Araceli secó las lágrimas que humedecían las comisuras de sus ojos con un gesto trémulo.
—Señorita Ibáñez, comprendo que lo que hubo entre André y yo te atormenta, pero ese vínculo pertenece al pasado y se desvaneció hace tiempo...
—Todos cargamos con nuestras historias. ¿Es tan imposible otorgar el perdón?
Las pupilas de Araceli vibraron como hojas al viento mientras su voz se quebraba.
—¿Solo mi muerte... aplacaría tu rencor?
Sabrina elevó la barbilla, dibujando en sus labios una sonrisa desprovista de compasión.
—Si eso deseas, entonces muere.
El semblante de André se transformó en un lienzo de severidad.
—¡Sabrina!
Una risa amarga escapó de los labios de Sabrina.

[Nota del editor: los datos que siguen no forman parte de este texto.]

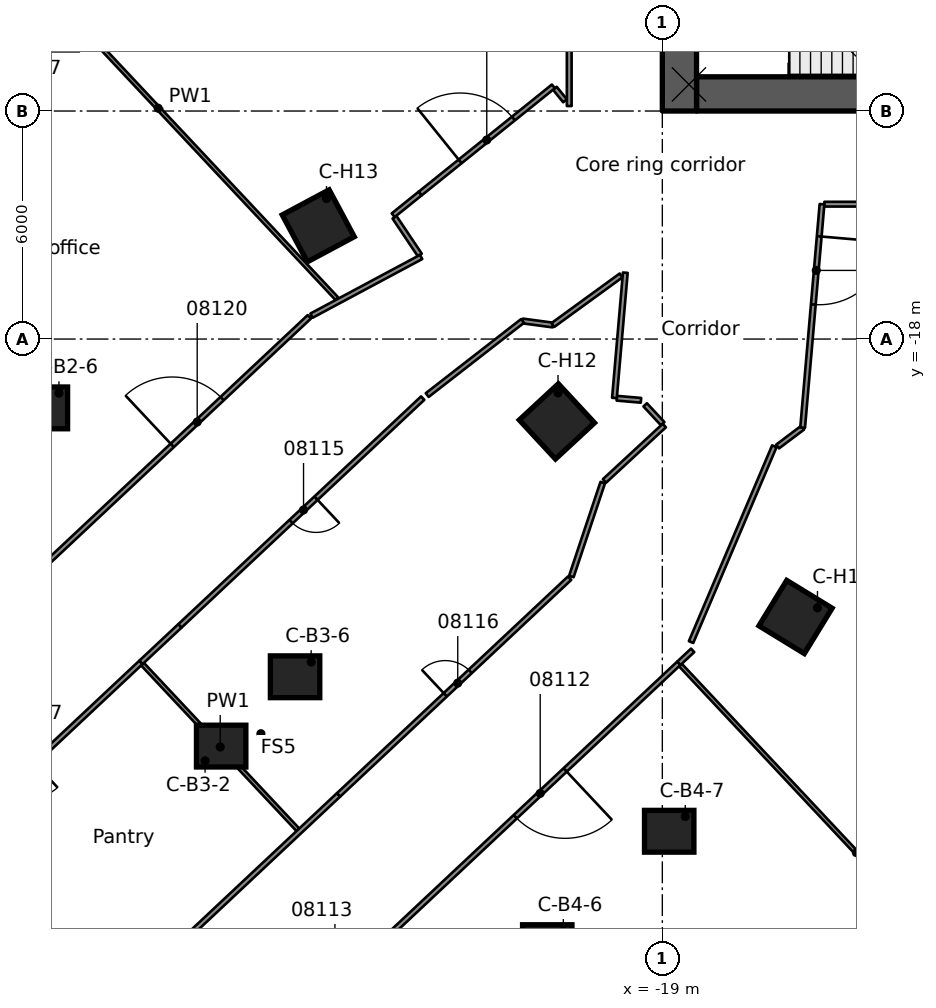
"""IFC4 building model, lengths in metres.
Left out: names, types, materials, properties, quantities, classifications, styles, units other than length and angle.
Written with IfcOpenShell. Run it as: python <this file> out.ifc"""

import sys

from ifc_helpers import new_model, si_unit, direction, frame, frame_2d, origin, origin_2d, place, context, subcontext, project, spatial, rectangle, extrude, element, fill, save


model = new_model("IFC4")
c1 = context("Model", 3, precision=1e-05, world=origin(), true_north=direction((0.0, 1.0)))
c2 = subcontext(c1, "Body", "Model", "MODEL_VIEW")
j1 = project(units=[si_unit("LENGTHUNIT", "METRE"), si_unit("PLANEANGLEUNIT", "RADIAN")], contexts=[c1])
p1 = place(None, origin())
s1 = spatial("IfcSite", under=j1, at=p1, CompositionType="ELEMENT")
p2 = place(p1, origin())
s2 = spatial("IfcBuilding", under=s1, at=p2, CompositionType="ELEMENT")
p3 = place(p2, frame((0.0, 0.0, 37.3)))
s3 = spatial("IfcBuildingStorey", under=s2, at=p3, CompositionType="ELEMENT", Elevation=37.3)
p4 = place(p3, frame((-18.1, -11.55, 0.0), z_axis=(0.0, 0.0, 1.0), x_axis=(1.0, 0.0, 0.0)))
e1 = element("IfcWall", 1, at=p4, inside=s3, PredefinedType="SHEAR", context=c2, shape_type="SweptSolid", body=[
    extrude(rectangle(XDim=9.2, YDim=0.9, at=frame_2d((4.6, 0.0))), origin(), (0.0, 0.0, 1.0), 3.5),
])
p5 = place(p4, frame((5.1, 0.0, 0.0)))
e2 = element("IfcOpeningElement", 2, at=p5, cuts=e1, PredefinedType="OPENING", context=c2, shape_type="SweptSolid", body=[
    extrude(rectangle(XDim=1.1, YDim=2.1, at=frame_2d((0.55, 1.05))), frame((0.0, 0.46, 0.0), z_axis=(0.0, -1.0, 0.0), x_axis=(1.0, 0.0, 0.0)), (0.0, 0.0, 1.0), 0.92),
])
p6 = place(p3, frame((-18.55, -12.0, 0.0), z_axis=(0.0, 0.0, 1.0), x_axis=(0.0, 1.0, 0.0)))
e3 = element("IfcWall", 3, at=p6, inside=s3, PredefinedType="SHEAR", context=c2, shape_type="SweptSolid", body=[
    extrude(rectangle(XDim=24.0, YDim=0.9, at=frame_2d((12.0, 0.0))), origin(), (0.0, 0.0, 1.0), 3.5),
])
p7 = place(p6, frame((10.1, 0.0, 0.0)))
e4 = element("IfcOpeningElement", 4, at=p7, cuts=e3, PredefinedType="OPENING", context=c2, shape_type="SweptSolid", body=[
    extrude(rectangle(XDim=1.8, YDim=2.1, at=frame_2d((0.9, 1.05))), frame((0.0, 0.46, 0.0), z_axis=(0.0, -1.0, 0.0), x_axis=(1.0, 0.0, 0.0)), (0.0, 0.0, 1.0), 0.92),
])
for number, where, z_axis, x_axis in (
    (5, (-35.3, -19.811, 0.0), (0.0, 0.0, 1.0), (1.0, 0.0, 0.0)),
    (6, (-30.609, -28.71, 0.0), (0.0, 0.0, 1.0), (1.0, 0.0, 0.0)),
    (7, (-28.664, -26.886, 0.0), (0.0, 0.0, 1.0), (1.0, 0.0, 0.0)),
    (8, (-22.028, -33.961, 0.0), (0.0, 0.0, 1.0), (1.0, 0.0, 0.0)),
    (9, (-18.819, -30.951, 0.0), (0.0, 0.0, 1.0), (1.0, 0.0, 0.0)),
):
    element("IfcColumn", number, at=place(p3, frame(where, z_axis=z_axis, x_axis=x_axis)), inside=s3, PredefinedType="COLUMN", context=c2, shape_type="SweptSolid", body=[
        extrude(rectangle(XDim=1.3, YDim=1.1, at=origin_2d()), origin(), (0.0, 0.0, 1.0), 3.5),
    ])
for number, where, z_axis, x_axis in (
    (10, (-15.495, -25.313, 0.0), (0.0, 0.0, 1.0), (-0.522, -0.853, 0.0)),
    (11, (-21.774, -20.167, 0.0), (0.0, 0.0, 1.0), (-0.734, -0.68, 0.0)),
    (12, (-28.054, -15.021, 0.0), (0.0, 0.0, 1.0), (-0.882, -0.472, 0.0)),
):
    element("IfcColumn", number, at=place(p3, frame(where, z_axis=z_axis, x_axis=x_axis)), inside=s3, PredefinedType="COLUMN", context=c2, shape_type="SweptSolid", body=[
        extrude(rectangle(XDim=1.4, YDim=1.4, at=origin_2d()), origin(), (0.0, 0.0, 1.0), 3.5),
    ])
p8 = place(p3, frame((-25.382, -15.788, 0.0), z_axis=(0.0, 0.0, 1.0), x_axis=(-0.556395946592, 0.830917294691, 0.0)))
e13 = element("IfcWall", 13, at=p8, inside=s3, PredefinedType="PARTITIONING", context=c2, shape_type="SweptSolid", body=[
    extrude(rectangle(XDim=1.195, YDim=0.125, at=frame_2d((0.598, 0.0))), origin(), (0.0, 0.0, 1.0), 3.06),
])
p9 = place(p3, frame((-22.677, -17.524, 0.0), z_axis=(0.0, 0.0, 1.0), x_axis=(0.991054476668, -0.133457949465, 0.0)))
e14 = element("IfcWall", 14, at=p9, inside=s3, PredefinedType="PARTITIONING", context=c2, shape_type="SweptSolid", body=[
    extrude(rectangle(XDim=0.803, YDim=0.125, at=frame_2d((0.401, 0.0))), origin(), (0.0, 0.0, 1.0), 3.06),
])
p10 = place(p3, frame((-21.828, -11.401, 0.0), z_axis=(0.0, 0.0, 1.0), x_axis=(0.628685146217, -0.777659942987, 0.0)))
e15 = element("IfcWall", 15, at=p10, inside=s3, PredefinedType="PARTITIONING", context=c2, shape_type="SweptSolid", body=[
    extrude(rectangle(XDim=0.425, YDim=0.125, at=frame_2d((0.212, 0.0))), origin(), (0.0, 0.0, 1.0), 3.06),
])
p11 = place(p3, frame((-19.451, -19.731, 0.0), z_axis=(0.0, 0.0, 1.0), x_axis=(0.679953646653, -0.733255097768, 0.0)))
e16 = element("IfcWall", 16, at=p11, inside=s3, PredefinedType="PARTITIONING", context=c2, shape_type="SweptSolid", body=[
    extrude(rectangle(XDim=0.678, YDim=0.125, at=frame_2d((0.339, 0.0))), origin(), (0.0, 0.0, 1.0), 3.06),
])
p12 = place(p3, frame((-32.677, -26.556, 0.0), z_axis=(0.0, 0.0, 1.0), x_axis=(0.684221226116, -0.729274511918, 0.0)))
e17 = element("IfcWall", 17, at=p12, inside=s3, PredefinedType="PARTITIONING", context=c2, shape_type="SweptSolid", body=[
    extrude(rectangle(XDim=5.972, YDim=0.1, at=frame_2d((2.986, 0.0))), origin(), (0.0, 0.0, 1.0), 3.06),
])
p13 = place(p3, frame((-36.97, -6.912, 0.0), z_axis=(0.0, 0.0, 1.0), x_axis=(0.684169085262, -0.729323428098, 0.0)))
e18 = element("IfcWall", 18, at=p13, inside=s3, PredefinedType="PARTITIONING", context=c2, shape_type="SweptSolid", body=[
    extrude(rectangle(XDim=13.75, YDim=0.1, at=frame_2d((6.875, 0.0))), origin(), (0.0, 0.0, 1.0), 3.06),
])
p14 = place(p3, frame((-18.523, -26.579, 0.0), z_axis=(0.0, 0.0, 1.0), x_axis=(0.684146880737, -0.729344257246, 0.0)))
e19 = element("IfcWall", 19, at=p14, inside=s3, PredefinedType="PARTITIONING", context=c2, shape_type="SweptSolid", body=[
    extrude(rectangle(XDim=13.537, YDim=0.1, at=frame_2d((6.768, 0.0))), origin(), (0.0, 0.0, 1.0), 3.06),
])
p15 = place(p3, frame((-15.967, -20.828, 0.0), z_axis=(0.0, 0.0, 1.0), x_axis=(0.799039774709, 0.601278170594, 0.0)))
e20 = element("IfcWall", 20, at=p15, inside=s3, PredefinedType="PARTITIONING", context=c2, shape_type="SweptSolid", body=[
    extrude(rectangle(XDim=0.825, YDim=0.125, at=frame_2d((0.412, 0.0))), origin(), (0.0, 0.0, 1.0), 3.06),
])
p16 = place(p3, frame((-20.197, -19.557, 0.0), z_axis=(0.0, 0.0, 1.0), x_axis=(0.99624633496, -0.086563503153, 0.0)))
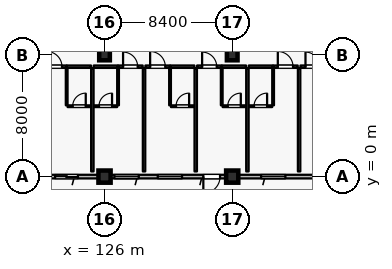
"""IFC4 building model, lengths in metres.
Left out: names, types, materials, properties, quantities, classifications, styles, units other than length and angle.
Written with IfcOpenShell. Run it as: python <this file> out.ifc"""

import sys

from ifc_helpers import new_model, si_unit, direction, frame, frame_2d, origin, origin_2d, place, context, subcontext, project, spatial, rectangle, extrude, element, fill, save


model = new_model("IFC4")
c1 = context("Model", 3, precision=1e-05, world=origin(), true_north=direction((0.0, 1.0)))
c2 = subcontext(c1, "Body", "Model", "MODEL_VIEW")
j1 = project(units=[si_unit("LENGTHUNIT", "METRE"), si_unit("PLANEANGLEUNIT", "RADIAN")], contexts=[c1])
p1 = place(None, origin())
s1 = spatial("IfcSite", under=j1, at=p1, CompositionType="ELEMENT")
p2 = place(p1, origin())
s2 = spatial("IfcBuilding", under=s1, at=p2, CompositionType="ELEMENT")
p3 = place(p2, frame((0.0, 0.0, 21.0)))
s3 = spatial("IfcBuildingStorey", under=s2, at=p3, CompositionType="ELEMENT", Elevation=21.0)
for number, where, z_axis, x_axis in (
    (1, (126.0, 0.0, 0.0), (0.0, 0.0, 1.0), (1.0, 0.0, 0.0)),
    (2, (134.4, 0.0, 0.0), (0.0, 0.0, 1.0), (1.0, 0.0, 0.0)),
):
    element("IfcColumn", number, at=place(p3, frame(where, z_axis=z_axis, x_axis=x_axis)), inside=s3, PredefinedType="COLUMN", context=c2, shape_type="SweptSolid", body=[
        extrude(rectangle(XDim=0.8, YDim=0.8, at=origin_2d()), origin(), (0.0, 0.0, 1.0), 4.2),
    ])
for number, where, z_axis, x_axis in (
    (3, (126.0, 8.0, 0.0), (0.0, 0.0, 1.0), (1.0, 0.0, 0.0)),
    (4, (134.4, 8.0, 0.0), (0.0, 0.0, 1.0), (1.0, 0.0, 0.0)),
):
    element("IfcColumn", number, at=place(p3, frame(where, z_axis=z_axis, x_axis=x_axis)), inside=s3, PredefinedType="COLUMN", context=c2, shape_type="SweptSolid", body=[
        extrude(rectangle(XDim=0.7, YDim=0.7, at=origin_2d()), origin(), (0.0, 0.0, 1.0), 4.2),
    ])
p4 = place(p3, frame((125.6, 0.0, 0.0), z_axis=(0.0, 0.0, 1.0), x_axis=(-1.0, 0.0, 0.0)))
e5 = element("IfcWall", 5, at=p4, inside=s3, PredefinedType="SOLIDWALL", context=c2, shape_type="SweptSolid", body=[
    extrude(rectangle(XDim=7.6, YDim=0.24, at=frame_2d((3.8, 0.0))), origin(), (0.0, 0.0, 1.0), 3.53),
])
p5 = place(p4, frame((1.35, 0.0, 0.0)))
e6 = element("IfcOpeningElement", 6, at=p5, cuts=e5, PredefinedType="OPENING", context=c2, shape_type="SweptSolid", body=[
    extrude(rectangle(XDim=1.5, YDim=2.25, at=frame_2d((0.75, 1.125))), frame((0.0, 0.13, 0.0), z_axis=(0.0, -1.0, 0.0), x_axis=(1.0, 0.0, 0.0)), (0.0, 0.0, 1.0), 0.26),
])
p6 = place(p4, frame((4.7, 0.0, 0.8)))
e7 = element("IfcOpeningElement", 7, at=p6, cuts=e5, PredefinedType="OPENING", context=c2, shape_type="SweptSolid", body=[
    extrude(rectangle(XDim=1.6, YDim=1.6, at=frame_2d((0.8, 0.8))), frame((0.0, 0.13, 0.0), z_axis=(0.0, -1.0, 0.0), x_axis=(1.0, 0.0, 0.0)), (0.0, 0.0, 1.0), 0.26),
])
p7 = place(p3, frame((134.0, 0.0, 0.0), z_axis=(0.0, 0.0, 1.0), x_axis=(-1.0, 0.0, 0.0)))
e8 = element("IfcWall", 8, at=p7, inside=s3, PredefinedType="SOLIDWALL", context=c2, shape_type="SweptSolid", body=[
    extrude(rectangle(XDim=7.6, YDim=0.24, at=frame_2d((3.8, 0.0))), origin(), (0.0, 0.0, 1.0), 3.53),
])
p8 = place(p7, frame((0.4, 0.0, 0.0)))
e9 = element("IfcOpeningElement", 9, at=p8, cuts=e8, PredefinedType="OPENING", context=c2, shape_type="SweptSolid", body=[
    extrude(rectangle(XDim=1.1, YDim=2.2, at=frame_2d((0.55, 1.1))), frame((0.0, 0.13, 0.0), z_axis=(0.0, -1.0, 0.0), x_axis=(1.0, 0.0, 0.0)), (0.0, 0.0, 1.0), 0.26),
])
p9 = place(p7, frame((2.9, 0.0, 0.8)))
e10 = element("IfcOpeningElement", 10, at=p9, cuts=e8, PredefinedType="OPENING", context=c2, shape_type="SweptSolid", body=[
    extrude(rectangle(XDim=1.6, YDim=1.6, at=frame_2d((0.8, 0.8))), frame((0.0, 0.13, 0.0), z_axis=(0.0, -1.0, 0.0), x_axis=(1.0, 0.0, 0.0)), (0.0, 0.0, 1.0), 0.26),
])
p10 = place(p7, frame((5.75, 0.0, 0.8)))
e11 = element("IfcOpeningElement", 11, at=p10, cuts=e8, PredefinedType="OPENING", context=c2, shape_type="SweptSolid", body=[
    extrude(rectangle(XDim=1.6, YDim=1.6, at=frame_2d((0.8, 0.8))), frame((0.0, 0.13, 0.0), z_axis=(0.0, -1.0, 0.0), x_axis=(1.0, 0.0, 0.0)), (0.0, 0.0, 1.0), 0.26),
])
p11 = place(p3, frame((142.4, 0.0, 0.0), z_axis=(0.0, 0.0, 1.0), x_axis=(-1.0, 0.0, 0.0)))
e12 = element("IfcWall", 12, at=p11, inside=s3, PredefinedType="SOLIDWALL", context=c2, shape_type="SweptSolid", body=[
    extrude(rectangle(XDim=7.6, YDim=0.24, at=frame_2d((3.8, 0.0))), origin(), (0.0, 0.0, 1.0), 3.53),
])
p12 = place(p11, frame((1.15, 0.0, 0.0)))
e13 = element("IfcOpeningElement", 13, at=p12, cuts=e12, PredefinedType="OPENING", context=c2, shape_type="SweptSolid", body=[
    extrude(rectangle(XDim=1.5, YDim=2.25, at=frame_2d((0.75, 1.125))), frame((0.0, 0.13, 0.0), z_axis=(0.0, -1.0, 0.0), x_axis=(1.0, 0.0, 0.0)), (0.0, 0.0, 1.0), 0.26),
])
p13 = place(p11, frame((4.5, 0.0, 0.8)))
e14 = element("IfcOpeningElement", 14, at=p13, cuts=e12, PredefinedType="OPENING", context=c2, shape_type="SweptSolid", body=[
    extrude(rectangle(XDim=1.6, YDim=1.6, at=frame_2d((0.8, 0.8))), frame((0.0, 0.13, 0.0), z_axis=(0.0, -1.0, 0.0), x_axis=(1.0, 0.0, 0.0)), (0.0, 0.0, 1.0), 0.26),
])
p14 = place(p3, frame((121.89, 7.23, 0.0), z_axis=(0.0, 0.0, 1.0), x_axis=(1.0, 0.0, 0.0)))
e15 = element("IfcWall", 15, at=p14, inside=s3, PredefinedType="PARTITIONING", context=c2, shape_type="SweptSolid", body=[
    extrude(rectangle(XDim=1.62, YDim=0.16, at=frame_2d((0.81, 0.0))), origin(), (0.0, 0.0, 1.0), 3.965),
])
p15 = place(p14, frame((0.31, 0.0, 0.0)))
e16 = element("IfcOpeningElement", 16, at=p15, cuts=e15, PredefinedType="OPENING", context=c2, shape_type="SweptSolid", body=[
    extrude(rectangle(XDim=1.0, YDim=2.25, at=frame_2d((0.5, 1.125))), frame((0.0, 0.09, 0.0), z_axis=(0.0, -1.0, 0.0), x_axis=(1.0, 0.0, 0.0)), (0.0, 0.0, 1.0), 0.18),
])
p16 = place(p3, frame((123.52, 7.23, 0.0), z_axis=(0.0, 0.0, 1.0), x_axis=(1.0, 0.0, 0.0)))
e17 = element("IfcWall", 17, at=p16, inside=s3, PredefinedType="PARTITIONING", context=c2, shape_type="SweptSolid", body=[
    extrude(rectangle(XDim=1.59, YDim=0.16, at=frame_2d((0.795, 0.0))), origin(), (0.0, 0.0, 1.0), 3.965),
])
p17 = place(p3, frame((123.51, 4.69, 0.0), z_axis=(0.0, 0.0, 1.0), x_axis=(0.0, 1.0, 0.0)))
e18 = element("IfcWall", 18, at=p17, inside=s3, PredefinedType="PARTITIONING", context=c2, shape_type="SweptSolid", body=[
    extrude(rectangle(XDim=2.45, YDim=0.115, at=frame_2d((1.225, 0.0))), origin(), (0.0, 0.0, 1.0), 3.965),
])
p18 = place(p3, frame((123.57, 4.63, 0.0), z_axis=(0.0, 0.0, 1.0), x_axis=(1.0, 0.0, 0.0)))
e19 = element("IfcWall", 19, at=p18, inside=s3, PredefinedType="PARTITIONING", context=c2, shape_type="SweptSolid", body=[
    extrude(rectangle(XDim=1.53, YDim=0.115, at=frame_2d((0.765, 0.0))), origin(), (0.0, 0.0, 1.0), 3.965),
])
p19 = place(p18, frame((0.335, 0.0, 0.0)))
e20 = element("IfcOpeningElement", 20, at=p19, cuts=e19, PredefinedType="OPENING", context=c2, shape_type="SweptSolid", body=[
    extrude(rectangle(XDim=0.86, YDim=2.12, at=frame_2d((0.43, 1.06))), frame((0.0, 0.067, 0.0), z_axis=(0.0, -1.0, 0.0), x_axis=(1.0, 0.0, 0.0)), (0.0, 0.0, 1.0), 0.135),
])
p20 = place(p3, frame((125.29, 7.23, 0.0), z_axis=(0.0, 0.0, 1.0), x_axis=(1.0, 0.0, 0.0)))
e21 = element("IfcWall", 21, at=p20, inside=s3, PredefinedType="PARTITIONING", context=c2, shape_type="SweptSolid", body=[
    extrude(rectangle(XDim=1.59, YDim=0.16, at=frame_2d((0.795, 0.0))), origin(), (0.0, 0.0, 1.0), 3.965),
])
p21 = place(p3, frame((126.89, 7.23, 0.0), z_axis=(0.0, 0.0, 1.0), x_axis=(1.0, 0.0, 0.0)))
e22 = element("IfcWall", 22, at=p21, inside=s3, PredefinedType="PARTITIONING", context=c2, shape_type="SweptSolid", body=[
    extrude(rectangle(XDim=1.62, YDim=0.16, at=frame_2d((0.81, 0.0))), origin(), (0.0, 0.0, 1.0), 3.965),
])
p22 = place(p21, frame((0.33, 0.0, 0.0)))
e23 = element("IfcOpeningElement", 23, at=p22, cuts=e22, PredefinedType="OPENING", context=c2, shape_type="SweptSolid", body=[
    extrude(rectangle(XDim=0.96, YDim=2.2, at=frame_2d((0.48, 1.1))), frame((0.0, 0.09, 0.0), z_axis=(0.0, -1.0, 0.0), x_axis=(1.0, 0.0, 0.0)), (0.0, 0.0, 1.0), 0.18),
])
p23 = place(p3, frame((126.89, 4.69, 0.0), z_axis=(0.0, 0.0, 1.0), x_axis=(0.0, 1.0, 0.0)))
e24 = element("IfcWall", 24, at=p23, inside=s3, PredefinedType="PARTITIONING", context=c2, shape_type="SweptSolid", body=[
    extrude(rectangle(XDim=2.45, YDim=0.115, at=frame_2d((1.225, 0.0))), origin(), (0.0, 0.0, 1.0), 3.965),
])
p24 = place(p3, frame((125.3, 4.63, 0.0), z_axis=(0.0, 0.0, 1.0), x_axis=(1.0, 0.0, 0.0)))
e25 = element("IfcWall", 25, at=p24, inside=s3, PredefinedType="PARTITIONING", context=c2, shape_type="SweptSolid", body=[
    extrude(rectangle(XDim=1.53, YDim=0.115, at=frame_2d((0.765, 0.0))), origin(), (0.0, 0.0, 1.0), 3.965),
])
p25 = place(p24, frame((0.335, 0.0, 0.0)))
e26 = element("IfcOpeningElement", 26, at=p25, cuts=e25, PredefinedType="OPENING", context=c2, shape_type="SweptSolid", body=[
    extrude(rectangle(XDim=0.86, YDim=2.12, at=frame_2d((0.43, 1.06))), frame((0.0, 0.067, 0.0), z_axis=(0.0, -1.0, 0.0), x_axis=(1.0, 0.0, 0.0)), (0.0, 0.0, 1.0), 0.135),
])
p26 = place(p3, frame((125.2, 0.34, 0.0), z_axis=(0.0, 0.0, 1.0), x_axis=(0.0, 1.0, 0.0)))
e27 = element("IfcWall", 27, at=p26, inside=s3, PredefinedType="PARTITIONING", context=c2, shape_type="SweptSolid", body=[
    extrude(rectangle(XDim=6.8, YDim=0.16, at=frame_2d((3.4, 0.0))), origin(), (0.0, 0.0, 1.0), 3.965),
])
p27 = place(p3, frame((128.69, 7.23, 0.0), z_axis=(0.0, 0.0, 1.0), x_axis=(1.0, 0.0, 0.0)))
e28 = element("IfcWall", 28, at=p27, inside=s3, PredefinedType="PARTITIONING", context=c2, shape_type="SweptSolid", body=[
    extrude(rectangle(XDim=1.62, YDim=0.16, at=frame_2d((0.81, 0.0))), origin(), (0.0, 0.0, 1.0), 3.965),
])
p28 = place(p27, frame((0.31, 0.0, 0.0)))
e29 = element("IfcOpeningElement", 29, at=p28, cuts=e28, PredefinedType="OPENING", context=c2, shape_type="SweptSolid", body=[
    extrude(rectangle(XDim=1.0, YDim=2.25, at=frame_2d((0.5, 1.125))), frame((0.0, 0.09, 0.0), z_axis=(0.0, -1.0, 0.0), x_axis=(1.0, 0.0, 0.0)), (0.0, 0.0, 1.0), 0.18),
])
p29 = place(p3, frame((130.32, 7.23, 0.0), z_axis=(0.0, 0.0, 1.0), x_axis=(1.0, 0.0, 0.0)))
e30 = element("IfcWall", 30, at=p29, inside=s3, PredefinedType="PARTITIONING", context=c2, shape_type="SweptSolid", body=[
    extrude(rectangle(XDim=1.59, YDim=0.16, at=frame_2d((0.795, 0.0))), origin(), (0.0, 0.0, 1.0), 3.965),
])
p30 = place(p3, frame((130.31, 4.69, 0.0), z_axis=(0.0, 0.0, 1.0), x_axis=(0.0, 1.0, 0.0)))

—¿Por qué esa expresión, André? Fue la distinguida señorita quien manifestó deseos de morir, no yo. Si alguien busca su propio fin, ¿debemos cargar con esa responsabilidad?
Los ojos de Araceli se dilataron con espanto mientras gruesas lágrimas brotaban sin control, trazando senderos por sus mejillas.
De un impulso se incorporó de la silla de ruedas y corrió desesperada hacia la ventana más cercana.
—¡Si la señorita Ibáñez anhela mi muerte, cumpliré su deseo!
—¡Araceli, detén esta locura! —Fabián, dominado por el pánico, se precipitó tras ella intentando alcanzarla.
André también intervino con un gesto glacial y voz autoritaria.
—¡Araceli, ¿qué pretendes hacer?!
Como sumida en un trance febril, Araceli gritó con voz desgarrada.
—¡Sé que la señorita Ibáñez me detesta! ¡Si su odio es tan profundo, permítanme acabar con todo! ¡Déjenme! ¡Déjenme terminar con esto!
André tensó los labios hasta formar una línea inflexible.
—Contrólate.
Las lágrimas fluían incesantes por el rostro descompuesto de Araceli, quien, ajena a toda razón, continuaba gritando con desesperación:
—¡Jamás debí volver, jamás debí cruzarme en tu camino!
Mientras Araceli escenificaba su intento de autodestrucción, el cuarto hospitalario se sumió en un caos absoluto.